Live streaming is best-effort: it never blocks or fails the run, and it never touches the conversation version or the committed message stream (live turns aren’t messages — they carry no sequence_no and don’t advance your expected_version). A run with no server-side tool calls (a direct answer) simply shows an empty live.messages and you get the answer via final_text / final_structured_output at completion.

Automatic titling

When you start the first run on a conversation that has no name, the platform kicks off a small asynchronous job that generates a short title from your first user message and writes it to the conversation’s name. Because it’s asynchronous and independent of your run, the timing is best-effort:
  • current_name is usually null on the first read right after the run is created, then becomes the generated title a beat later — keep reading the run (or the conversation) and it appears.
  • A name you set explicitly at conversation-creation time is never overwritten — auto titling only fills an empty name.
  • Titling never touches the conversation version or the message stream: it’s not a message, doesn’t advance your expected_version, and never shows up in GET .../messages.
live is a growth point. It accumulates state that changes after a run was written, so a single run poll can stand in for several reads (current_name, messages, more over time). Treat it as “render whatever keys are present” rather than assuming a fixed set.

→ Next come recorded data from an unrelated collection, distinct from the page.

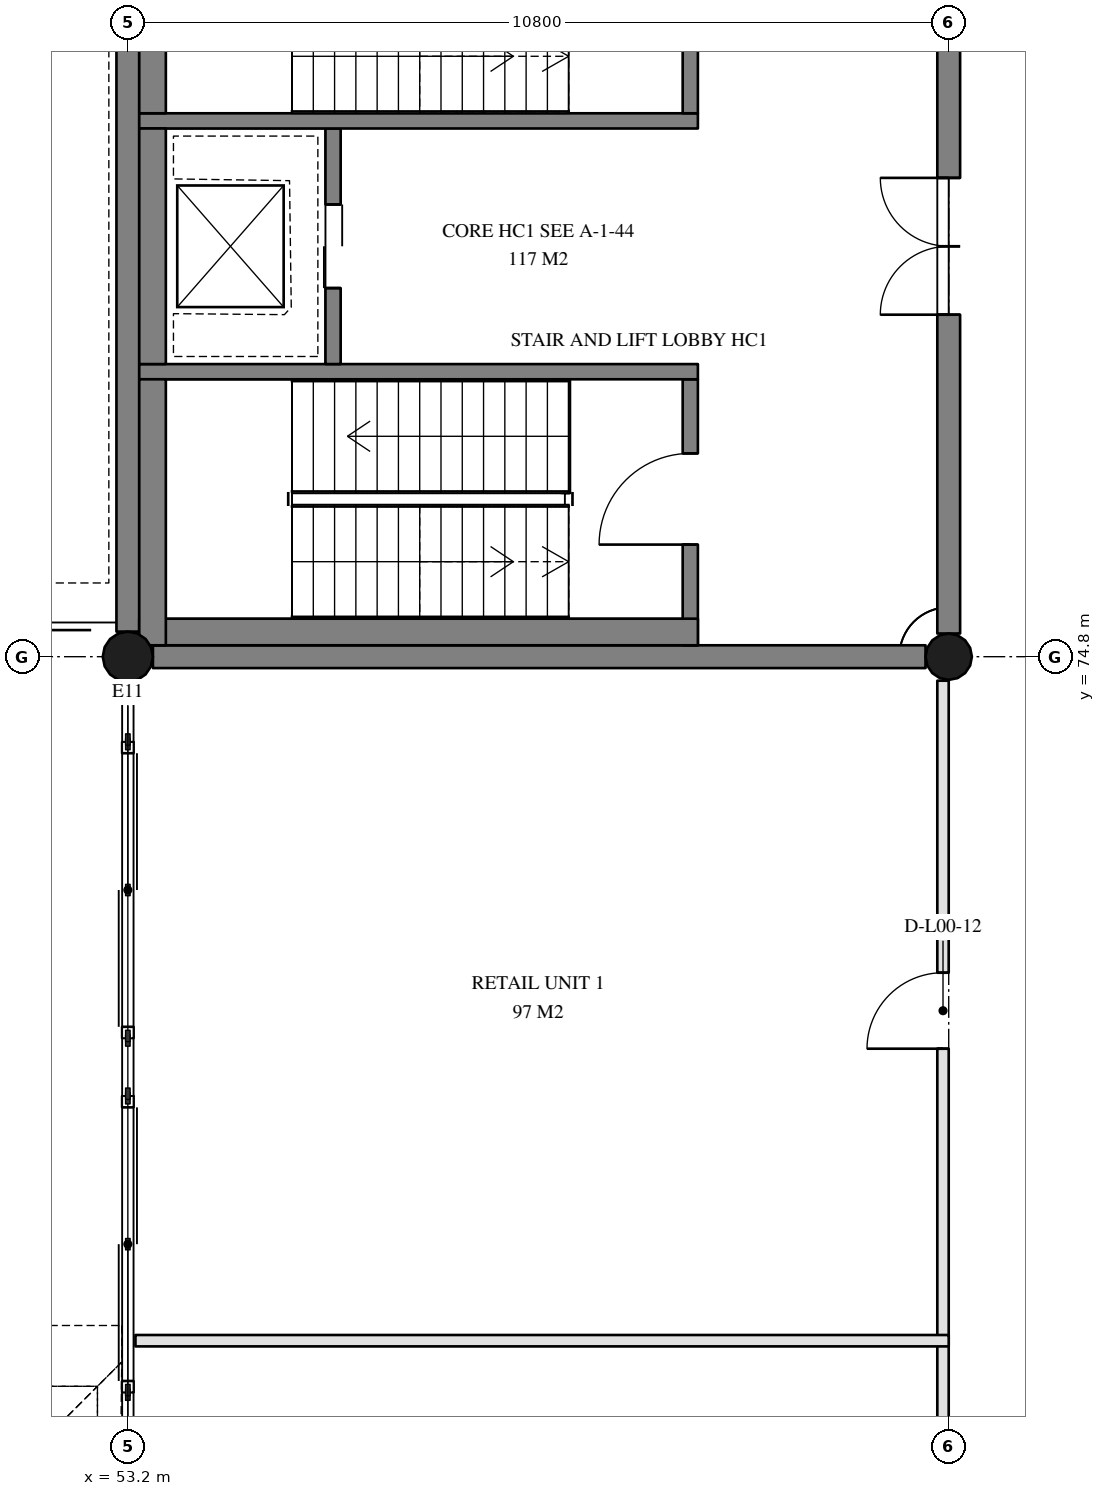
"""IFC4 building model, lengths in metres.
Left out: names, types, materials, properties, quantities, classifications, styles, units other than length and angle.
Written with IfcOpenShell. Run it as: python <this file> out.ifc"""

import sys

from ifc_helpers import new_model, si_unit, direction, frame, frame_2d, origin, origin_2d, place, context, subcontext, project, spatial, rectangle, hollow_circle, extrude, element, fill, save


model = new_model("IFC4")
c1 = context("Model", 3, precision=1e-05, world=origin(), true_north=direction((0.0, 1.0)))
c2 = subcontext(c1, "Body", "Model", "MODEL_VIEW")
j1 = project(units=[si_unit("LENGTHUNIT", "METRE"), si_unit("PLANEANGLEUNIT", "RADIAN")], contexts=[c1])
p1 = place(None, origin())
s1 = spatial("IfcSite", under=j1, at=p1, CompositionType="ELEMENT")
p2 = place(p1, origin())
s2 = spatial("IfcBuilding", under=s1, at=p2, CompositionType="ELEMENT")
p3 = place(p2, origin())
s3 = spatial("IfcBuildingStorey", under=s2, at=p3, CompositionType="ELEMENT", Elevation=0.0)
p4 = place(p3, frame((53.2, 74.8, 0.0), z_axis=(0.0, 0.0, 1.0), x_axis=(1.0, 0.0, 0.0)))
e1 = element("IfcColumn", 1, at=p4, inside=s3, PredefinedType="COLUMN", context=c2, shape_type="SweptSolid", body=[
    extrude(hollow_circle(Radius=0.33, WallThickness=0.025, at=origin_2d()), origin(), (0.0, 0.0, 1.0), 4.8),
])
p5 = place(p3, frame((64.0, 74.8, 0.0), z_axis=(0.0, 0.0, 1.0), x_axis=(1.0, 0.0, 0.0)))
e2 = element("IfcColumn", 2, at=p5, inside=s3, PredefinedType="COLUMN", context=c2, shape_type="SweptSolid", body=[
    extrude(hollow_circle(Radius=0.305, WallThickness=0.025, at=origin_2d()), origin(), (0.0, 0.0, 1.0), 4.8),
])
p6 = place(p3, frame((53.53, 74.8, 0.0), z_axis=(0.0, 0.0, 1.0), x_axis=(1.0, 0.0, 0.0)))
e3 = element("IfcWall", 3, at=p6, inside=s3, PredefinedType="SOLIDWALL", context=c2, shape_type="SweptSolid", body=[
    extrude(rectangle(XDim=10.165, YDim=0.3, at=frame_2d((5.083, 0.0))), origin(), (0.0, 0.0, 1.0), 4.8),
])
p7 = place(p3, frame((64.0, 75.105, 0.0), z_axis=(0.0, 0.0, 1.0), x_axis=(0.0, 1.0, 0.0)))
e4 = element("IfcWall", 4, at=p7, inside=s3, PredefinedType="SOLIDWALL", context=c2, shape_type="SweptSolid", body=[
    extrude(rectangle(XDim=10.165, YDim=0.3, at=frame_2d((5.083, 0.0))), origin(), (0.0, 0.0, 1.0), 4.8),
])
p8 = place(p7, frame((4.195, 0.0, 0.0)))
e5 = element("IfcOpeningElement", 5, at=p8, cuts=e4, PredefinedType="OPENING", context=c2, shape_type="SweptSolid", body=[
    extrude(rectangle(XDim=1.8, YDim=2.1, at=frame_2d((0.9, 1.05))), frame((0.0, 0.16, 0.0), z_axis=(0.0, -1.0, 0.0), x_axis=(1.0, 0.0, 0.0)), (0.0, 0.0, 1.0), 0.32),
])
p9 = place(p3, frame((53.2, 85.27, 0.0), z_axis=(0.0, 0.0, 1.0), x_axis=(0.0, -1.0, 0.0)))
e6 = element("IfcWall", 6, at=p9, inside=s3, PredefinedType="SOLIDWALL", context=c2, shape_type="SweptSolid", body=[
    extrude(rectangle(XDim=10.14, YDim=0.3, at=frame_2d((5.07, 0.0))), origin(), (0.0, 0.0, 1.0), 4.8),
])
p10 = place(p3, frame((53.2, 65.12, 0.0), z_axis=(0.0, 0.0, 1.0), x_axis=(0.0, 1.0, 0.0)))
e7 = element("IfcWall", 7, at=p10, inside=s3, PredefinedType="SOLIDWALL", context=c2, shape_type="SweptSolid", body=[
    extrude(rectangle(XDim=3.9, YDim=0.15, at=frame_2d((1.95, 0.0))), origin(), (0.0, 0.0, 1.0), 2.6),
])
p11 = place(p10, frame((0.15, 0.0, 0.0)))
e8 = element("IfcOpeningElement", 8, at=p11, cuts=e7, PredefinedType="OPENING", context=c2, shape_type="SweptSolid", body=[
    extrude(rectangle(XDim=3.6, YDim=2.4, at=frame_2d((1.8, 1.2))), frame((0.0, 0.085, 0.0), z_axis=(0.0, -1.0, 0.0), x_axis=(1.0, 0.0, 0.0)), (0.0, 0.0, 1.0), 0.17),
])
p12 = place(p3, frame((53.2, 69.78, 0.0), z_axis=(0.0, 0.0, 1.0), x_axis=(0.0, 1.0, 0.0)))
e9 = element("IfcWall", 9, at=p12, inside=s3, PredefinedType="SOLIDWALL", context=c2, shape_type="SweptSolid", body=[
    extrude(rectangle(XDim=3.9, YDim=0.15, at=frame_2d((1.95, 0.0))), origin(), (0.0, 0.0, 1.0), 2.6),
])
p13 = place(p12, frame((0.15, 0.0, 0.0)))
e10 = element("IfcOpeningElement", 10, at=p13, cuts=e9, PredefinedType="OPENING", context=c2, shape_type="SweptSolid", body=[
    extrude(rectangle(XDim=3.6, YDim=2.4, at=frame_2d((1.8, 1.2))), frame((0.0, 0.085, 0.0), z_axis=(0.0, -1.0, 0.0), x_axis=(1.0, 0.0, 0.0)), (0.0, 0.0, 1.0), 0.17),
])
p14 = place(p3, frame((60.6, 74.95, 0.0), z_axis=(0.0, 0.0, 1.0), x_axis=(0.0, 1.0, 0.0)))
e11 = element("IfcWall", 11, at=p14, inside=s3, PredefinedType="SOLIDWALL", context=c2, shape_type="SweptSolid", body=[
    extrude(rectangle(XDim=3.5, YDim=0.2, at=frame_2d((1.75, 0.0))), origin(), (0.0, 0.0, 1.0), 4.4),
])
p15 = place(p14, frame((1.325, 0.0, 0.0)))
e12 = element("IfcOpeningElement", 12, at=p15, cuts=e11, PredefinedType="OPENING", context=c2, shape_type="SweptSolid", body=[
    extrude(rectangle(XDim=1.2, YDim=2.1, at=frame_2d((0.6, 1.05))), frame((0.0, 0.11, 0.0), z_axis=(0.0, -1.0, 0.0), x_axis=(1.0, 0.0, 0.0)), (0.0, 0.0, 1.0), 0.22),
])
p16 = place(p3, frame((60.7, 78.55, 0.0), z_axis=(0.0, 0.0, 1.0), x_axis=(-1.0, 0.0, 0.0)))
e13 = element("IfcWall", 13, at=p16, inside=s3, PredefinedType="SOLIDWALL", context=c2, shape_type="SweptSolid", body=[
    extrude(rectangle(XDim=7.35, YDim=0.2, at=frame_2d((3.675, 0.0))), origin(), (0.0, 0.0, 1.0), 4.4),
])
p17 = place(p3, frame((55.9, 78.65, 0.0), z_axis=(0.0, 0.0, 1.0), x_axis=(0.0, 1.0, 0.0)))
e14 = element("IfcWall", 14, at=p17, inside=s3, PredefinedType="SOLIDWALL", context=c2, shape_type="SweptSolid", body=[
    extrude(rectangle(XDim=3.1, YDim=0.2, at=frame_2d((1.55, 0.0))), origin(), (0.0, 0.0, 1.0), 4.4),
])
p18 = place(p17, frame((1.0, 0.0, 0.0)))
e15 = element("IfcOpeningElement", 15, at=p18, cuts=e14, PredefinedType="OPENING", context=c2, shape_type="SweptSolid", body=[
    extrude(rectangle(XDim=1.1, YDim=2.1, at=frame_2d((0.55, 1.05))), frame((0.0, 0.11, 0.0), z_axis=(0.0, -1.0, 0.0), x_axis=(1.0, 0.0, 0.0)), (0.0, 0.0, 1.0), 0.22),
])
p19 = place(p3, frame((60.7, 81.85, 0.0), z_axis=(0.0, 0.0, 1.0), x_axis=(-1.0, 0.0, 0.0)))
e16 = element("IfcWall", 16, at=p19, inside=s3, PredefinedType="SOLIDWALL", context=c2, shape_type="SweptSolid", body=[
    extrude(rectangle(XDim=7.35, YDim=0.2, at=frame_2d((3.675, 0.0))), origin(), (0.0, 0.0, 1.0), 4.4),
])
p20 = place(p3, frame((60.6, 81.95, 0.0), z_axis=(0.0, 0.0, 1.0), x_axis=(0.0, 1.0, 0.0)))
e17 = element("IfcWall", 17, at=p20, inside=s3, PredefinedType="SOLIDWALL", context=c2, shape_type="SweptSolid", body=[
    extrude(rectangle(XDim=3.5, YDim=0.2, at=frame_2d((1.75, 0.0))), origin(), (0.0, 0.0, 1.0), 4.4),
])
p21 = place(p20, frame((0.975, 0.0, 0.0)))
e18 = element("IfcOpeningElement", 18, at=p21, cuts=e17, PredefinedType="OPENING", context=c2, shape_type="SweptSolid", body=[
    extrude(rectangle(XDim=1.2, YDim=2.1, at=frame_2d((0.6, 1.05))), frame((0.0, 0.11, 0.0), z_axis=(0.0, -1.0, 0.0), x_axis=(1.0, 0.0, 0.0)), (0.0, 0.0, 1.0), 0.22),
])
p22 = place(p3, frame((60.7, 75.125, -0.6), z_axis=(0.0, 0.0, 1.0), x_axis=(-1.0, 0.0, 0.0)))
e19 = element("IfcWall", 19, at=p22, inside=s3, PredefinedType="SOLIDWALL", context=c2, shape_type="SweptSolid", body=[
    extrude(rectangle(XDim=7.35, YDim=0.35, at=frame_2d((3.675, 0.0))), origin(), (0.0, 0.0, 1.0), 5.0),
])
for number, where, z_axis, x_axis in (
    (20, (53.525, 74.95, -0.6), (0.0, 0.0, 1.0), (0.0, 1.0, 0.0)),
    (21, (53.525, 81.95, -0.6), (0.0, 0.0, 1.0), (0.0, 1.0, 0.0)),
):
    element("IfcWall", number, at=place(p3, frame(where, z_axis=z_axis, x_axis=x_axis)), inside=s3, PredefinedType="SOLIDWALL", context=c2, shape_type="SweptSolid", body=[
        extrude(rectangle(XDim=3.5, YDim=0.35, at=frame_2d((1.75, 0.0))), origin(), (0.0, 0.0, 1.0), 5.0),
    ])
p23 = place(p3, frame((53.525, 78.65, -0.6), z_axis=(0.0, 0.0, 1.0), x_axis=(0.0, 1.0, 0.0)))
e22 = element("IfcWall", 22, at=p23, inside=s3, PredefinedType="SOLIDWALL", context=c2, shape_type="SweptSolid", body=[
    extrude(rectangle(XDim=3.1, YDim=0.35, at=frame_2d((1.55, 0.0))), origin(), (0.0, 0.0, 1.0), 5.0),
])
p24 = place(p3, frame((63.925, 64.29, 0.0), z_axis=(0.0, 0.0, 1.0), x_axis=(0.0, 1.0, 0.0)))
e23 = element("IfcWall", 23, at=p24, inside=s3, PredefinedType="PARTITIONING", context=c2, shape_type="SweptSolid", body=[
    extrude(rectangle(XDim=1.51, YDim=0.15, at=frame_2d((0.755, 0.0))), origin(), (0.0, 0.0, 1.0), 3.9),
])
p25 = place(p3, frame((63.925, 65.8, 0.0), z_axis=(0.0, 0.0, 1.0), x_axis=(0.0, 1.0, 0.0)))
e24 = element("IfcWall", 24, at=p25, inside=s3, PredefinedType="PARTITIONING", context=c2, shape_type="SweptSolid", body=[
    extrude(rectangle(XDim=8.684, YDim=0.15, at=frame_2d((4.342, 0.0))), origin(), (0.0, 0.0, 1.0), 3.9),
])
p26 = place(p25, frame((3.842, 0.0, 0.0)))
e25 = element("IfcOpeningElement", 25, at=p26, cuts=e24, PredefinedType="OPENING", context=c2, shape_type="SweptSolid", body=[
    extrude(rectangle(XDim=1.0, YDim=2.1, at=frame_2d((0.5, 1.05))), frame((0.0, 0.085, 0.0), z_axis=(0.0, -1.0, 0.0), x_axis=(1.0, 0.0, 0.0)), (0.0, 0.0, 1.0), 0.17),
])
p27 = place(p3, frame((53.3, 65.8, 0.0), z_axis=(0.0, 0.0, 1.0), x_axis=(1.0, 0.0, 0.0)))
e26 = element("IfcWall", 26, at=p27, inside=s3, PredefinedType="PARTITIONING", context=c2, shape_type="SweptSolid", body=[
    extrude(rectangle(XDim=10.7, YDim=0.15, at=frame_2d((5.35, 0.0))), origin(), (0.0, 0.0, 1.0), 3.9),
])
p28 = place(p11, origin())
e27 = element("IfcDoor", 27, at=p28, inside=s3, OperationType="DOUBLE_DOOR_SLIDING", PredefinedType="DOOR", context=c2, shape_type="SweptSolid", body=[
    extrude(rectangle(XDim=3.6, YDim=2.4, at=frame_2d((1.8, 1.2))), frame((0.0, 0.025, 0.0), z_axis=(0.0, -1.0, 0.0), x_axis=(1.0, 0.0, 0.0)), (0.0, 0.0, 1.0), 0.05),
])
fill(e8, e27)
p29 = place(p13, origin())
e28 = element("IfcDoor", 28, at=p29, inside=s3, OperationType="DOUBLE_DOOR_SLIDING", PredefinedType="DOOR", context=c2, shape_type="SweptSolid", body=[
    extrude(rectangle(XDim=3.6, YDim=2.4, at=frame_2d((1.8, 1.2))), frame((0.0, 0.025, 0.0), z_axis=(0.0, -1.0, 0.0), x_axis=(1.0, 0.0, 0.0)), (0.0, 0.0, 1.0), 0.05),
])
fill(e10, e28)
p30 = place(p18, frame((1.1, 0.0, 0.0), z_axis=(0.0, 0.0, 1.0), x_axis=(-1.0, 0.0, 0.0)))
e29 = element("IfcDoor", 29, at=p30, inside=s3, OperationType="DOUBLE_DOOR_SLIDING", PredefinedType="DOOR", context=c2, shape_type="SweptSolid", body=[
    extrude(rectangle(XDim=1.1, YDim=2.1, at=frame_2d((0.55, 1.05))), frame((0.0, 0.025, 0.0), z_axis=(0.0, -1.0, 0.0), x_axis=(1.0, 0.0, 0.0)), (0.0, 0.0, 1.0), 0.05),
])
fill(e15, e29)
p31 = place(p15, frame((1.2, 0.0, 0.0), z_axis=(0.0, 0.0, 1.0), x_axis=(-1.0, 0.0, 0.0)))
e30 = element("IfcDoor", 30, at=p31, inside=s3, OperationType="SINGLE_SWING_LEFT", PredefinedType="DOOR", context=c2, shape_type="SweptSolid", body=[
    extrude(rectangle(XDim=1.2, YDim=2.1, at=frame_2d((0.6, 1.05))), frame((0.0, 0.025, 0.0), z_axis=(0.0, -1.0, 0.0), x_axis=(1.0, 0.0, 0.0)), (0.0, 0.0, 1.0), 0.05),
])
fill(e12, e30)
p32 = place(p8, frame((1.8, 0.0, 0.0), z_axis=(0.0, 0.0, 1.0), x_axis=(-1.0, 0.0, 0.0)))
e31 = element("IfcDoor", 31, at=p32, inside=s3, OperationType="DOUBLE_DOOR_DOUBLE_SWING", PredefinedType="DOOR", context=c2, shape_type="SweptSolid", body=[
    extrude(rectangle(XDim=1.8, YDim=2.1, at=frame_2d((0.9, 1.05))), frame((0.0, 0.025, 0.0), z_axis=(0.0, -1.0, 0.0), x_axis=(1.0, 0.0, 0.0)), (0.0, 0.0, 1.0), 0.05),
])
fill(e5, e31)
p33 = place(p26, origin())
e32 = element("IfcDoor", 32, at=p33, inside=s3, OperationType="SINGLE_SWING_LEFT", PredefinedType="DOOR", context=c2, shape_type="SweptSolid", body=[
    extrude(rectangle(XDim=1.0, YDim=2.1, at=frame_2d((0.5, 1.05))), frame((0.0, 0.025, 0.0), z_axis=(0.0, -1.0, 0.0), x_axis=(1.0, 0.0, 0.0)), (0.0, 0.0, 1.0), 0.05),
])
fill(e25, e32)
save(model, sys.argv[1])

Example 1 — hello world (no tools)

The simplest possible run: one user message, one assistant reply, no tools.

Create the conversation

curl -X POST "$API/agents/conversations" \
  -H "Authorization: Bearer $TOKEN" \
  -H "Content-Type: application/json" \
  -d '{
    "name": "hello world",
    "system_prompt": "You are a helpful assistant. Answer concisely.",
    "defaults": {
      "model": "anthropic.claude-opus-4.6",
      "data_plane_id": "f79cbdae-4848-47ca-95e8-69588364d185",
      "execution_cluster": "shared",
      "max_iterations": 3,
      "max_tokens": 1024,
      "temperature": 0.0
    }
  }'
No output_format_schema here — this is text mode. The final answer comes back as final_text. See Example 4 for the structured-mode flow. Response (abbreviated):
{ "id": "<conv-uuid>", "version": 0, "name": "hello world", ... }

Start the run

curl -X POST "$API/agents/conversations/<conv-uuid>/runs" \
  -H "Authorization: Bearer $TOKEN" \
  -H "Content-Type: application/json" \
  -d '{
    "client_op_id": "'"$(uuidgen | tr A-Z a-z)"'",
    "expected_version": 0,
    "payload": { "kind": "user_message", "text": "What is 2 + 2?" }
  }'
Response:
{ "id": "<run-uuid>", "status": "pending", "started_at": "...", ... }

Poll until terminal

curl "$API/agents/runs/<run-uuid>" -H "Authorization: Bearer $TOKEN"
After a few seconds:
{
  "id": "<run-uuid>",
  "status": "completed",
  "iterations_used": 1,
  "usage": { "completion_tokens": 8, "prompt_tokens": 169, "total_tokens": 177 },
  "final_text": "4",
  "final_structured_output": null,
  "error": null,
  ...
}

Read the message stream

curl "$API/agents/conversations/<conv-uuid>/messages?since=0" \
  -H "Authorization: Bearer $TOKEN"
{
  "current_version": 2,
  "messages": [
    { "sequence_no": 1, "role": "user",      "content_blocks": [{"type": "text", "text": "What is 2 + 2?"}], ... },
    { "sequence_no": 2, "role": "assistant", "content_blocks": [{"type": "text", "text": "4"}],              ... }
  ]
}
That’s the whole loop: one user turn (sequence 1) → one assistant turn (sequence 2) → current_version: 2. Future runs on this conversation start with expected_version: 2.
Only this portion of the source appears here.